# New Savage Straight-Pull Bolt Rifles



## Totentanz (Jan 8, 2021)

I'm not sure WHY I need one of these, but somehow I do...

Savage Arms - IMPULSE BIG GAME
Savage Arms - IMPULSE PREDATOR

ASSuming Savage got it right, a reliable straight-pull bolt rifle is a pretty cool thing on the market, even if it doesn't scratch any other itch.


----------



## ThunderHorse (Jan 8, 2021)

Totentanz said:


> I'm not sure WHY I need one of these, but somehow I do...
> 
> Savage Arms - IMPULSE BIG GAME
> Savage Arms - IMPULSE PREDATOR
> ...



I had never heard of straight-pull action before interesting, and those look sweet!


----------



## Totentanz (Jan 8, 2021)

ThunderHorse said:


> I had never heard of straight-pull action before interesting, and those look sweet!

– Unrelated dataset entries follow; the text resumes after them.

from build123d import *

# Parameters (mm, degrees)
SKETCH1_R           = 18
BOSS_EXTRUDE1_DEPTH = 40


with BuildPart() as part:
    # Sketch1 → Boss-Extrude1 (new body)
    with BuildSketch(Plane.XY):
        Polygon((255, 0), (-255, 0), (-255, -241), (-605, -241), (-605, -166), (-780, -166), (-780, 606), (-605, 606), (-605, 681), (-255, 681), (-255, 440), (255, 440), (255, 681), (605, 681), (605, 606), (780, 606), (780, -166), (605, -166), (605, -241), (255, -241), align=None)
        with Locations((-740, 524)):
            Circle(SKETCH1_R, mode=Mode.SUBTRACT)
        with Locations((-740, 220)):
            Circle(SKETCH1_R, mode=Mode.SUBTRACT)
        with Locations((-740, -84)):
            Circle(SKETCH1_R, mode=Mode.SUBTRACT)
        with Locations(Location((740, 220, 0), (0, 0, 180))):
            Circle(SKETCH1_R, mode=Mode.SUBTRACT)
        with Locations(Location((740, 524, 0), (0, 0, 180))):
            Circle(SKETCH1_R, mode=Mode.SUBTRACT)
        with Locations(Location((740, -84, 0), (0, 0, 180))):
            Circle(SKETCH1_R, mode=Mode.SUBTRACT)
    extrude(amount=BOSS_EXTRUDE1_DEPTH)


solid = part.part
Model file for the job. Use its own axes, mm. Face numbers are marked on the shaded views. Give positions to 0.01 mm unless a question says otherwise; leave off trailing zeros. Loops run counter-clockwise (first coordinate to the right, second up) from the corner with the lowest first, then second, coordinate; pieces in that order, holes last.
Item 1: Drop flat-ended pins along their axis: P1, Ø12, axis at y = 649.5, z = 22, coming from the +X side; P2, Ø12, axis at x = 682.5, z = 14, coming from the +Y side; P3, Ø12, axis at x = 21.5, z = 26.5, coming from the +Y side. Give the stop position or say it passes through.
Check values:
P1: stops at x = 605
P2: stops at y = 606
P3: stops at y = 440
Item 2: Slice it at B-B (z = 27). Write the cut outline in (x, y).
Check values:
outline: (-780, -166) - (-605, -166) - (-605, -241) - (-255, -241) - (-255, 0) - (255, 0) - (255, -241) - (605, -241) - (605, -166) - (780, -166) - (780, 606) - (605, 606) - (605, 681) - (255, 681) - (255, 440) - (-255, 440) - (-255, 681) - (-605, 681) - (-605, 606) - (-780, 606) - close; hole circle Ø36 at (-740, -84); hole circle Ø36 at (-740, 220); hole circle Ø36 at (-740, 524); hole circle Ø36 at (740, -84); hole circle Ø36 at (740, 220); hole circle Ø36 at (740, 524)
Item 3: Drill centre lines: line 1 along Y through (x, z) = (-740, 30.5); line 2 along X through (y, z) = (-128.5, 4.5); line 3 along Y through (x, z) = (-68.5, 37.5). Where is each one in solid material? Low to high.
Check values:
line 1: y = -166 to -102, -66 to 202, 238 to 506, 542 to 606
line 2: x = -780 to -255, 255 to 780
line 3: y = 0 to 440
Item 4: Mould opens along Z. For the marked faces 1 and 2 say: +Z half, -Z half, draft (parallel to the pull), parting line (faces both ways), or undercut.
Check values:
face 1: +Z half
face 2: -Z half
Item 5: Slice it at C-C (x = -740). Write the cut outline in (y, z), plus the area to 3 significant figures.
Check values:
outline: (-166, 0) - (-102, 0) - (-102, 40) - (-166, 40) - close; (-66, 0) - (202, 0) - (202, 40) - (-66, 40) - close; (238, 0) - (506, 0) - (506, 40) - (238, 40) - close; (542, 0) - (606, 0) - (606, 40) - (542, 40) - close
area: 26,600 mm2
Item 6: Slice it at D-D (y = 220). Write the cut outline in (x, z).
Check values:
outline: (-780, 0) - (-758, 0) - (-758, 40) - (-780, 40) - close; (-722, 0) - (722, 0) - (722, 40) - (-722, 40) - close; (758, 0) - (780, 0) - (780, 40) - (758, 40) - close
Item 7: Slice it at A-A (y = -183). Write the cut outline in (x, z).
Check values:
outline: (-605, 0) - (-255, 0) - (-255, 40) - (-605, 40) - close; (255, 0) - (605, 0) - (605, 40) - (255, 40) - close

Give the Swiss Schmidt-Rubin rifles some research some time, even if it's only 5-10 minutes (there was a whole series of Schmidt-Rubin rifles, the K31 is the most widely discussed if you're looking for a search term).
The rifle is - aside from being one of the most accurate general-issue rifles of the period - one of the coolest military surplus rifles out there.  There were others made with straight-pull actions, none that really achieved the success that the Swiss did in the design.


----------



## Gunz (Jan 9, 2021)

Totentanz said:


> I'm not sure WHY I need one of these...



You never need a reason, bro.


----------